An end-to-end, AI-powered web application for real-time, abstractive news summarization using a Seq2Seq LSTM model with Attention — integrated with Django backend, web scraping for live news, and a responsive frontend UI.
In the digital age, readers face information overload from countless news sources. Manually scanning lengthy articles is inefficient and impractical.
✅ Solution: Build an intelligent system that can automatically fetch live news articles, summarize them using an AI model, and display them to users through a clean web interface.

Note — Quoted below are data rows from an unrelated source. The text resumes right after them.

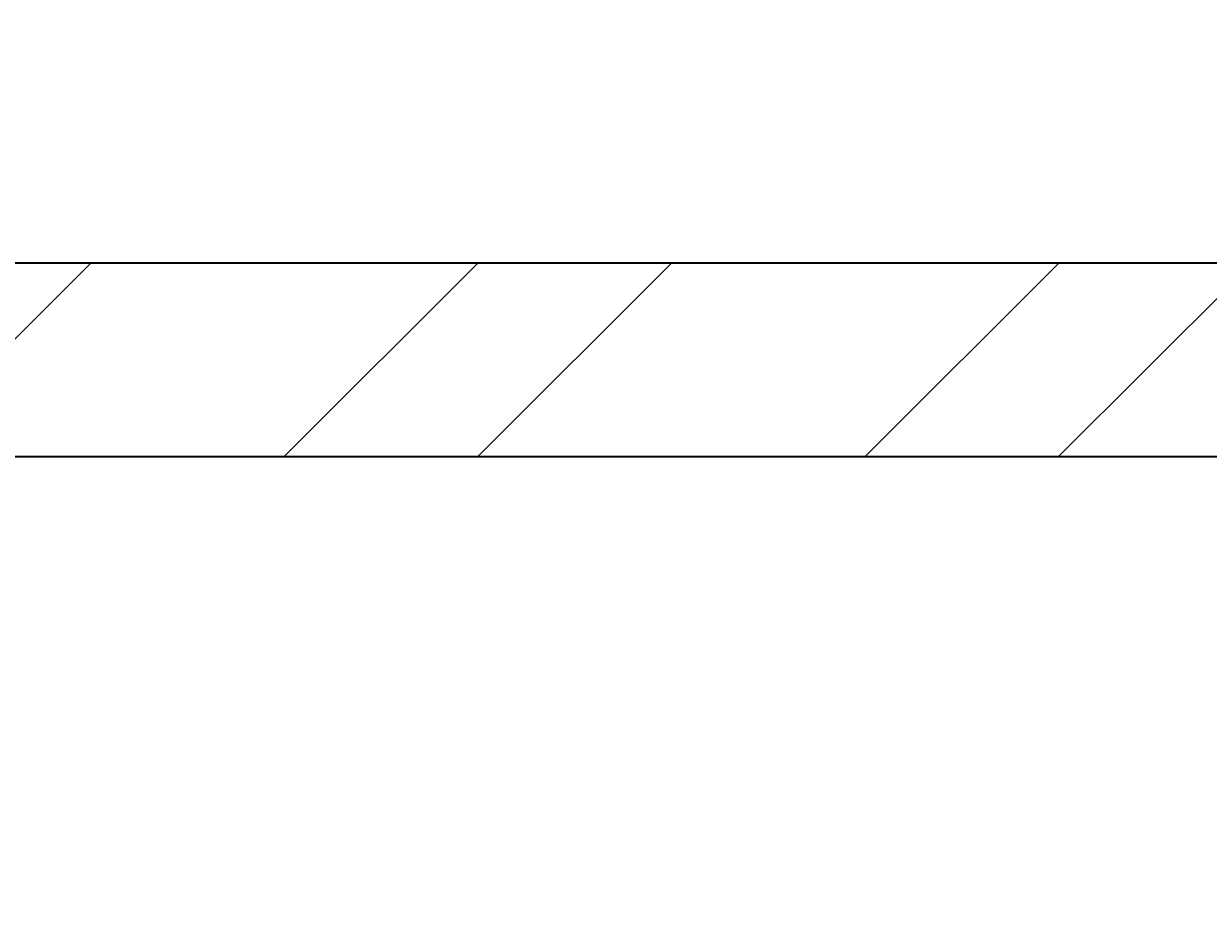
# Model space of a CAD drawing. Units: inches. Extents: x 1962 to 2771, y 1245 to 2660.
# Tile 68 of 114: x 2523 to 2551, y 2115 to 2135. Entities that reach past the tile are written whole.
import ezdxf

# ---------------------------------------------------------------- set-up
doc = ezdxf.new("R2010")
doc.units = ezdxf.units.IN
for name, color, linetype, lineweight in [('A-ANNO-DIMS', 2, 'Continuous', 18), ('A-WALL', 7, 'Continuous', 35), ('A-WALL-PATT', 252, 'Continuous', 13)]:
    doc.layers.add(name, color=color, linetype=linetype, lineweight=lineweight)
doc.styles.get("Standard").update_dxf_attribs({"font": 'arial.ttf'})
doc.dimstyles.get("Standard").update_dxf_attribs({"dimtxt": 0.18, "dimasz": 0.18, "dimexe": 0.18, "dimexo": 0.0625, "dimgap": 0.09, "dimtad": 0, "dimtih": 1, "dimtoh": 1, "dimdec": 4, "dimzin": 0, "dimdsep": 46, "dimtxsty": 'Standard', "dimcen": 0.09, "dimadec": 0, "dimazin": 0, "dimtfac": 1, "dimtdec": 4, "dimtofl": 0, "dimtmove": 0, "dimatfit": 3, "dimfxl": 1, "dimtolj": 1, "dimtzin": 0, "dimarcsym": 0})

# ---------------------------------------------------------------- blocks, each defined once
blk = doc.blocks.new('*D40')
at = {"layer": 'A-ANNO-DIMS', "color": 0, "lineweight": -2, "transparency": 16777216}
for p, q in [((2072.02, 2033.906), (2072.02, 2583.474)), ((2660.807, 2524.406), (2660.807, 2583.474)), ((2072.2, 2583.294), (2366.02, 2583.294)), ((2660.627, 2583.294), (2366.808, 2583.294))]:
    blk.add_line(p, q, dxfattribs=at)
at = {"layer": 'A-ANNO-DIMS', "color": 0, "transparency": 16777216}
for points in [[(2072.2, 2583.324), (2072.2, 2583.264), (2072.02, 2583.294)], [(2660.627, 2583.324), (2660.627, 2583.264), (2660.807, 2583.294)]]:
    blk.add_solid(points, dxfattribs=at)
at = {"layer": 'Defpoints', "color": 0, "transparency": 16777216}
for p in [(2660.807, 2583.294), (2660.807, 2524.344), (2072.02, 2033.844)]:
    blk.add_point(p, dxfattribs=at)
at = {"layer": 'A-ANNO-DIMS', "color": 0, "transparency": 16777216, "insert": (2366.414, 2583.294), "char_height": 0.18, "attachment_point": 5}
blk.add_mtext('\\A1;588.8', dxfattribs=at)

msp = doc.modelspace()

# ---------------------------------------------------------------- hatches: boundary and pattern name
at = {"layer": 'A-WALL-PATT'}
h = msp.add_hatch(dxfattribs=at)
h.set_pattern_fill('ANSI32', color=256)
h.paths.add_polyline_path([(2090.8074, 2467.3437), (2141.6481, 2467.3437), (2141.6481, 2469.5937), (2141.6481, 2471.8437), (2086.3074, 2471.8437), (2086.3074, 2422.5333), (2090.8074, 2422.5333)])
h.paths.add_polyline_path([(2282.7664, 2471.8437), (2204.8982, 2471.8437), (2204.8982, 2467.3437), (2234.8074, 2467.3437), (2234.8074, 2311.3437), (2228.7492, 2311.3437), (2228.7492, 2306.8437), (2234.8074, 2306.8437), (2331.9227, 2306.8437), (2331.9227, 2309.0937), (2331.9227, 2311.3437), (2239.3074, 2311.3437), (2239.3074, 2467.3437), (2282.7664, 2467.3437), (2282.7664, 2469.5937)])
h.paths.add_polyline_path([(2471.4531, 2519.8437), (2552.011, 2519.8437), (2564.3996, 2519.8437), (2564.3996, 2511.1389), (2568.8996, 2511.1389), (2568.8996, 2524.3437), (2466.9531, 2524.3437), (2466.9531, 2471.8437), (2450.0749, 2471.8437), (2446.4672, 2471.8437), (2446.4672, 2467.3437), (2450.0749, 2467.3437), (2475.9988, 2467.3437), (2475.9988, 2469.5937), (2475.9988, 2471.8437), (2471.4531, 2471.8437)])
h.paths.add_polyline_path([(2575.2231, 2469.5937), (2575.2231, 2471.8437), (2568.8996, 2471.8437), (2568.8996, 2487.1389), (2564.3996, 2487.1389), (2564.3996, 2471.8437), (2556.511, 2471.8437), (2499.2904, 2471.8437), (2499.2904, 2467.3437), (2507.8074, 2467.3437), (2507.8074, 2311.3437), (2414.863, 2311.3437), (2414.863, 2306.8437), (2512.3074, 2306.8437), (2517.0114, 2306.8437), (2517.0114, 2309.0937), (2517.0114, 2311.3437), (2512.3074, 2311.3437), (2512.3074, 2467.3437), (2575.2231, 2467.3437)])
h.paths.add_polyline_path([(2660.8074, 2471.8437), (2600.9602, 2471.8437), (2600.9602, 2467.3437), (2656.3074, 2467.3437), (2656.3074, 2432.5704), (2660.8074, 2432.5704)])
h.paths.add_polyline_path([(2660.8074, 2372.5704), (2656.3074, 2372.5704), (2656.3074, 2311.3437), (2600.276, 2311.3437), (2600.276, 2309.0937), (2600.276, 2306.8437), (2656.3074, 2306.8437), (2656.3074, 2296.2593), (2660.8074, 2296.2593)])
h.paths.add_polyline_path([(2572.3074, 2306.8437), (2577.1385, 2306.8437), (2577.1385, 2311.3437), (2551.082, 2311.3437), (2551.082, 2306.8437), (2567.8074, 2306.8437), (2567.8074, 2258.8437), (2540.0574, 2258.8437), (2540.0574, 2256.5937), (2540.0574, 2254.3437), (2567.8074, 2254.3437), (2656.3074, 2254.3437), (2656.3074, 2236.9085), (2660.8074, 2236.9085), (2660.8074, 2272.2593), (2656.3074, 2272.2593), (2656.3074, 2258.8437), (2572.3074, 2258.8437)])
h.paths.add_polyline_path([(2512.3074, 2254.3437), (2518.8716, 2254.3437), (2518.8716, 2256.5937), (2518.8716, 2258.8437), (2507.8074, 2258.8437), (2507.8074, 2177.8437), (2567.8074, 2177.8437), (2567.8074, 2172.9628), (2572.3074, 2172.9628), (2572.3074, 2177.8437), (2656.3074, 2177.8437), (2656.3074, 2166.4846), (2660.8074, 2166.4846), (2660.8074, 2200.9085), (2656.3074, 2200.9085), (2656.3074, 2182.3437), (2512.3074, 2182.3437)])
h.paths.add_polyline_path([(2656.3074, 2129.8437), (2572.3074, 2129.8437), (2572.3074, 2150.3044), (2570.0574, 2150.3044), (2567.8074, 2150.3044), (2567.8074, 2129.8437), (2507.8074, 2129.8437), (2507.8074, 2116.3027), (2510.0574, 2116.3027), (2512.3074, 2116.3027), (2512.3074, 2125.3437), (2567.8074, 2125.3437), (2572.3074, 2125.3437), (2656.3074, 2125.3437)])
h.paths.add_polyline_path([(2090.8074, 2362.5333), (2086.3074, 2362.5333), (2086.3074, 2298.6242), (2090.8074, 2298.6242), (2090.8074, 2306.8437), (2174.8074, 2306.8437), (2174.8074, 2286.4178), (2179.3074, 2286.4178), (2179.3074, 2306.8437), (2192.8641, 2306.8437), (2192.8641, 2309.0937), (2192.8641, 2311.3437), (2090.8074, 2311.3437)])
h.paths.add_polyline_path([(2209.156, 2258.8437), (2179.3074, 2258.8437), (2179.3074, 2263.2236), (2177.0574, 2263.2236), (2174.8074, 2263.2236), (2174.8074, 2258.8437), (2090.8074, 2258.8437), (2090.8074, 2274.6242), (2086.3074, 2274.6242), (2086.3074, 2238.2967), (2088.5574, 2238.2967), (2090.8074, 2238.2967), (2090.8074, 2254.3437), (2209.156, 2254.3437)])
h.paths.add_polyline_path([(2090.8074, 2177.8437), (2234.8074, 2177.8437), (2234.8074, 2173.1428), (2239.3074, 2173.1428), (2239.3074, 2258.8437), (2230.8442, 2258.8437), (2230.8442, 2256.5937), (2230.8442, 2254.3437), (2234.8074, 2254.3437), (2234.8074, 2182.3437), (2090.8074, 2182.3437), (2090.8074, 2202.2967), (2086.3074, 2202.2967), (2086.3074, 2140.0389), (2090.8074, 2140.0389)])
h.paths.add_polyline_path([(2090.8074, 2080.0389), (2086.3074, 2080.0389), (2086.3074, 2033.8437), (2090.8074, 2033.8437)], flags=17)
h.paths.add_polyline_path([(2244.9405, 2033.8437), (2239.3074, 2033.8437), (2239.3074, 2142.0665), (2237.2592, 2142.0665), (2234.8074, 2142.0665), (2234.8074, 2033.8437), (2090.8074, 2033.8437), (2076.5204, 2033.8437), (2072.0204, 2033.8437), (2072.0204, 2000.4493), (2076.5204, 2000.4493), (2076.5204, 2029.3437), (2090.8074, 2029.3437), (2244.9405, 2029.3437), (2244.9405, 2031.5937)])
h.paths.add_polyline_path([(2234.8074, 1933.3437), (2076.5204, 1933.3437), (2076.5204, 1952.4493), (2074.2704, 1952.4493), (2072.0204, 1952.4493), (2072.0204, 1933.3437), (2072.0204, 1928.8437), (2234.8074, 1928.8437)])
h.paths.add_polyline_path([(2090.8074, 1928.8437), (2086.3074, 1928.8437), (2086.3074, 1906.5013), (2090.8074, 1906.5013)])
h.paths.add_polyline_path([(2090.8074, 1846.5013), (2086.3074, 1846.5013), (2086.3074, 1769.9917), (2088.5574, 1769.9917), (2090.8074, 1769.9917), (2090.8074, 1780.3437), (2234.8074, 1780.3437), (2234.8074, 1708.3437), (2230.3764, 1708.3437), (2230.3764, 1703.8437), (2239.3074, 1703.8437), (2239.3074, 1792.6669), (2237.0574, 1792.6669), (2234.8074, 1792.6669), (2234.8074, 1784.8437), (2090.8074, 1784.8437)])
h.paths.add_polyline_path([(2239.3074, 1928.8437), (2244.9405, 1928.8437), (2244.9405, 1931.0937), (2244.9405, 1933.3437), (2234.8074, 1933.3437), (2234.8074, 1928.8437), (2234.8074, 1825.5949), (2239.3074, 1825.5949)])
h.paths.add_polyline_path([(2148.0425, 1649.0937), (2148.0425, 1651.3437), (2090.8074, 1651.3437), (2090.8074, 1646.8437), (2148.0425, 1646.8437)], flags=0)
h.paths.add_polyline_path([(2207.5601, 1708.3437), (2090.8074, 1708.3437), (2090.8074, 1703.8437), (2174.8074, 1703.8437), (2174.8074, 1651.3437), (2170.4457, 1651.3437), (2170.4457, 1646.8437), (2195.9924, 1646.8437), (2195.9924, 1649.0937), (2195.9924, 1651.3437), (2179.3074, 1651.3437), (2179.3074, 1703.8437), (2207.5601, 1703.8437), (2207.5601, 1706.0937)])
h.paths.add_polyline_path([(2090.8074, 1733.9917), (2086.3074, 1733.9917), (2086.3074, 1696.1032), (2088.5574, 1696.1032), (2090.8074, 1696.1032)])
h.paths.add_polyline_path([(2090.8074, 1672.1032), (2086.3074, 1672.1032), (2086.3074, 1600.3335), (2090.8074, 1600.3335)])
h.paths.add_polyline_path([(2090.8074, 1540.3335), (2086.3074, 1540.3335), (2086.3074, 1486.3437), (2139.6766, 1486.3437), (2139.6766, 1490.8437), (2090.8074, 1490.8437)])
h.paths.add_polyline_path([(2302.3876, 1490.8437), (2239.3074, 1490.8437), (2239.3074, 1646.8437), (2335.9994, 1646.8437), (2335.9994, 1651.3437), (2229.884, 1651.3437), (2229.884, 1646.8437), (2234.8074, 1646.8437), (2234.8074, 1490.8437), (2202.7103, 1490.8437), (2202.7103, 1488.5937), (2202.7103, 1486.3437), (2275.0699, 1486.3437), (2275.0699, 1475.772), (2279.5699, 1475.772), (2279.5699, 1486.3437), (2302.3876, 1486.3437)])
h.paths.add_polyline_path([(2279.5699, 1451.772), (2275.0699, 1451.772), (2275.0699, 1438.3437), (2174.8074, 1438.3437), (2174.8074, 1486.3437), (2179.7922, 1486.3437), (2179.7922, 1490.8437), (2163.3585, 1490.8437), (2163.3585, 1488.5937), (2163.3585, 1486.3437), (2170.3074, 1486.3437), (2170.3074, 1433.8437), (2279.5699, 1433.8437)])
h.paths.add_polyline_path([(2427.2363, 1490.8437), (2375.8074, 1490.8437), (2375.8074, 1646.8437), (2381.6401, 1646.8437), (2381.6401, 1651.3437), (2365.887, 1651.3437), (2365.887, 1649.0937), (2365.887, 1646.8437), (2371.3074, 1646.8437), (2371.3074, 1490.8437), (2327.5627, 1490.8437), (2327.5627, 1488.5937), (2327.5627, 1486.3437), (2371.3074, 1486.3437), (2371.3074, 1433.8437), (2375.8074, 1433.8437), (2375.8074, 1486.3437), (2427.2363, 1486.3437)])
h.paths.add_polyline_path([(2512.3074, 1646.8437), (2519.4351, 1646.8437), (2519.4351, 1649.0937), (2519.4351, 1651.3437), (2507.8074, 1651.3437), (2416.0063, 1651.3437), (2416.0063, 1649.0937), (2416.0063, 1646.8437), (2507.8074, 1646.8437), (2507.8074, 1490.8437), (2497.0532, 1490.8437), (2497.0532, 1488.5937), (2497.0532, 1486.3437), (2574.9344, 1486.3437), (2574.9344, 1476.0181), (2579.4344, 1476.0181), (2579.4344, 1486.3437), (2584.4872, 1486.3437), (2584.3074, 1490.8437), (2512.3074, 1490.8437)])
h.paths.add_polyline_path([(2470.5091, 1486.3437), (2473.9767, 1486.3437), (2473.9767, 1490.8437), (2449.6605, 1490.8437), (2449.6605, 1488.5937), (2449.6605, 1486.3437), (2466.0091, 1486.3437), (2466.0091, 1433.8437), (2470.5091, 1433.8437), (2579.4344, 1433.8437), (2579.4344, 1452.0181), (2574.9344, 1452.0181), (2574.9344, 1438.3437), (2554.5091, 1438.3437), (2470.5091, 1438.3437)])
h.paths.add_polyline_path([(2656.3074, 1490.8437), (2611.86, 1490.8437), (2611.86, 1486.3437), (2656.3074, 1486.3437)])
h.paths.add_polyline_path([(2660.8074, 1532.7007), (2658.5574, 1532.7007), (2656.3074, 1532.7007), (2656.3074, 1486.3437), (2660.8074, 1486.3437)])
h.paths.add_polyline_path([(2660.8074, 1664.9663), (2656.3074, 1664.9663), (2656.3074, 1651.3437), (2602.2313, 1651.3437), (2602.2313, 1646.8437), (2656.3074, 1646.8437), (2656.3074, 1592.7007), (2660.8074, 1592.7007)])
h.paths.add_polyline_path([(2660.8074, 1724.5221), (2656.3074, 1724.5221), (2656.3074, 1703.8437), (2542.4725, 1703.8437), (2542.4725, 1699.3437), (2567.8074, 1699.3437), (2567.8074, 1651.3437), (2552.7766, 1651.3437), (2552.7766, 1649.0937), (2552.7766, 1646.8437), (2577.2878, 1646.8437), (2577.2878, 1649.0937), (2577.2878, 1651.3437), (2572.3074, 1651.3437), (2572.3074, 1699.3437), (2656.3074, 1699.3437), (2656.3074, 1688.9663), (2660.8074, 1688.9663)])
h.paths.add_polyline_path([(2660.8074, 1880.6524), (2656.3074, 1880.6524), (2656.3074, 1832.8437), (2512.3074, 1832.8437), (2512.3074, 1837.8959), (2507.8074, 1837.8959), (2507.8074, 1828.3437), (2567.8074, 1828.3437), (2567.8074, 1804.3437), (2572.3074, 1804.3437), (2572.3074, 1828.3437), (2656.3074, 1828.3437), (2656.3074, 1818.6778), (2660.8074, 1818.6778)])
h.paths.add_polyline_path([(2660.8074, 1794.6778), (2656.3074, 1794.6778), (2656.3074, 1780.3437), (2572.3074, 1780.3437), (2572.3074, 1783.0303), (2570.0574, 1783.0303), (2567.8074, 1783.0303), (2567.8074, 1780.3437), (2507.8074, 1780.3437), (2507.8074, 1699.3437), (2517.8858, 1699.3437), (2517.8858, 1701.5937), (2517.8858, 1703.8437), (2512.3074, 1703.8437), (2512.3074, 1775.8437), (2656.3074, 1775.8437), (2656.3074, 1760.5221), (2660.8074, 1760.5221)])
h.paths.add_polyline_path([(2660.8074, 1981.3437), (2660.8074, 2020.2808), (2658.5574, 2020.2808), (2656.3074, 2020.2808), (2656.3074, 1981.3437), (2512.3074, 1981.3437), (2512.3074, 2086.6996), (2507.8074, 2086.6996), (2507.8074, 1981.3437), (2375.8074, 1981.3437), (2375.8074, 1986.8505), (2373.5574, 1986.8505), (2371.3074, 1986.8505), (2371.3074, 1973.2607), (2375.8074, 1973.2607), (2375.8074, 1976.8437), (2507.8074, 1976.8437), (2507.8074, 1865.4281), (2510.0574, 1865.4281), (2512.3074, 1865.4281), (2512.3074, 1976.8437), (2660.8074, 1976.8437)])
h.paths.add_polyline_path([(2375.8074, 1940.297), (2373.5574, 1940.297), (2371.3074, 1940.297), (2371.3074, 1933.3437), (2278.4434, 1933.3437), (2278.4434, 1928.8437), (2371.3074, 1928.8437), (2371.3074, 1651.3437), (2375.8074, 1651.3437)])
h.paths.add_polyline_path([(2660.8074, 1976.8437), (2656.3074, 1976.8437), (2656.3074, 1940.6524), (2660.8074, 1940.6524)], flags=17)
h.paths.add_polyline_path([(2660.8074, 2142.4846), (2656.3074, 2142.4846), (2656.3074, 2080.2808), (2660.8074, 2080.2808)])
h.paths.add_polyline_path([(2381.4189, 2311.3437), (2375.8074, 2311.3437), (2375.8074, 2467.3437), (2424.7242, 2467.3437), (2424.7242, 2469.5937), (2424.7242, 2471.8437), (2375.8074, 2471.8437), (2375.8074, 2524.3437), (2371.3074, 2524.3437), (2371.3074, 2471.8437), (2307.2097, 2471.8437), (2307.2097, 2467.3437), (2371.3074, 2467.3437), (2371.3074, 2311.3437), (2366.8901, 2311.3437), (2366.8901, 2306.8437), (2371.3074, 2306.8437), (2371.3074, 2033.8437), (2279.6589, 2033.8437), (2279.6589, 2029.3437), (2371.3074, 2029.3437), (2371.3074, 2014.2598), (2375.8074, 2014.2598), (2375.8074, 2306.8437), (2381.4189, 2306.8437)])
h.paths.add_polyline_path([(2263.3074, 2524.3437), (2170.3074, 2524.3437), (2170.3074, 2519.8437), (2170.3074, 2471.8437), (2165.0312, 2471.8437), (2165.0312, 2467.3437), (2179.6721, 2467.3437), (2179.6721, 2469.5161), (2179.6721, 2471.8437), (2174.8074, 2471.8437), (2174.8074, 2519.8437), (2258.8074, 2519.8437), (2258.8074, 2511.6436), (2263.3074, 2511.6436)])
h.paths.add_polyline_path([(2245.0232, 1361.4123), (2492.9468, 1361.4123), (2492.9468, 1398.505), (2245.0232, 1398.505)], flags=9)
h.paths.add_polyline_path([(2388.1434, 2086.6936), (2425.0704, 2086.6936), (2425.0704, 2105.3509), (2388.1434, 2105.3509)], flags=9)
h.paths.add_polyline_path([(2404.922, 2242.6744), (2445.7337, 2242.6744), (2445.7337, 2261.3318), (2404.922, 2261.3318)], flags=9)
h.paths.add_polyline_path([(2269.4107, 2156.7935), (2306.3378, 2156.7935), (2306.3378, 2175.4508), (2269.4107, 2175.4508)], flags=9)
h.paths.add_polyline_path([(2269.3277, 2233.4343), (2306.2547, 2233.4343), (2306.2547, 2252.0917), (2269.3277, 2252.0917)], flags=9)
h.paths.add_polyline_path([(2431.6052, 2320.6922), (2470.4456, 2320.6922), (2470.4456, 2339.3495), (2431.6052, 2339.3495)], flags=25)
h.paths.add_polyline_path([(2249.6902, 2315.7608), (2288.5306, 2315.7608), (2288.5306, 2334.4182), (2249.6902, 2334.4182)], flags=25)
h.paths.add_polyline_path([(2096.9301, 2314.3181), (2135.7704, 2314.3181), (2135.7704, 2332.9755), (2096.9301, 2332.9755)], flags=25)
h.paths.add_polyline_path([(2134.3475, 2285.7089), (2161.4655, 2285.7089), (2161.4655, 2304.3662), (2134.3475, 2304.3662)], flags=9)
h.paths.add_polyline_path([(2126.5155, 2209.4076), (2159.9227, 2209.4076), (2159.9227, 2228.065), (2126.5155, 2228.065)], flags=25)
h.paths.add_polyline_path([(2110.5753, 2141.5299), (2149.4157, 2141.5299), (2149.4157, 2160.1872), (2110.5753, 2160.1872)], flags=25)
h.paths.add_polyline_path([(2249.8618, 1968.3317), (2286.3966, 1968.3317), (2286.3966, 1986.989), (2249.8618, 1986.989)], flags=9)
h.paths.add_polyline_path([(2395.9507, 1777.0051), (2436.7624, 1777.0051), (2436.7624, 1795.6625), (2395.9507, 1795.6625)], flags=9)
h.paths.add_polyline_path([(2398.5259, 1888.5651), (2435.0062, 1888.5651), (2435.0062, 1907.2224), (2398.5259, 1907.2224)], flags=25)
h.paths.add_polyline_path([(2259.3506, 1728.3559), (2296.2776, 1728.3559), (2296.2776, 1747.0132), (2259.3506, 1747.0132)], flags=9)
h.paths.add_polyline_path([(2271.3698, 1845.268), (2308.2968, 1845.268), (2308.2968, 1863.9253), (2271.3698, 1863.9253)], flags=9)
h.paths.add_polyline_path([(2120.9355, 1786.3027), (2159.7759, 1786.3027), (2159.7759, 1804.9601), (2120.9355, 1804.9601)], flags=25)
h.paths.add_polyline_path([(2121.3164, 1732.1043), (2154.7236, 1732.1043), (2154.7236, 1750.7616), (2121.3164, 1750.7616)], flags=25)
h.paths.add_polyline_path([(2118.3706, 1678.8997), (2147.5282, 1678.8997), (2147.5282, 1697.557), (2118.3706, 1697.557)], flags=25)
h.paths.add_polyline_path([(2385.9227, 1493.557), (2424.763, 1493.557), (2424.763, 1512.2143), (2385.9227, 1512.2143)], flags=25)
h.paths.add_polyline_path([(2248.7058, 1500.0256), (2287.5462, 1500.0256), (2287.5462, 1518.6829), (2248.7058, 1518.6829)], flags=25)
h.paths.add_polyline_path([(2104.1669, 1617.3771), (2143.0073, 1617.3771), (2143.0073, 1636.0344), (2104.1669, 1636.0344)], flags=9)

Technology | Purpose | Why? |
---|---|---|
Python 3.x | Core language for ML and backend development | High ecosystem support for ML, data, and web frameworks. |
TensorFlow 2.x / Keras | Deep learning framework for model implementation | Native support for Seq2Seq + Attention, easy TPU integration. |
Pandas / NumPy | Data manipulation and numerical computation | Efficient, reliable, and industry standard. |
Matplotlib | Visualizing training metrics | Quick and effective for loss/accuracy plots. |
Contractions | Text normalization library | Handles text cleaning and standardization. |
Django | Backend web framework | Secure, scalable, Python-native framework with ORM. |
BeautifulSoup / Requests | Web scraping of live news articles | Light, flexible scraping for dynamic news updates. |
HTML/CSS/JS (Bootstrap) | Frontend for UI rendering | Rapidly build responsive, clean user interfaces. |
TPU Runtime (Colab/Kaggle) | Accelerated training of deep learning models | Dramatically reduces training time for large NLP models. |
+-----------------+ +----------------+ +-------------------+
| Preprocess | ---> | Encoder | ---> | Attention Layer |
| Clean + Token | | (Bi-LSTM) | | (Context Vector) |
+-----------------+ +----------------+ +-------------------+
|
V
+----------------+
| Decoder |
| (LSTM + FC) |
+----------------+
|
V
+----------------+
| Summary |
+----------------+
|
V
+----------------+
| Django Backend |
| (Model Serving & |
| Web Scraping) |
+----------------+
|
V
+----------------+
| Frontend UI |
| (Responsive App) |
+----------------+
Workflow:
- Load and preprocess dataset — 42,000 articles from Kaggle (
news_summary.csv
) - Clean, normalize and tokenize text (handled contractions, removed punctuations).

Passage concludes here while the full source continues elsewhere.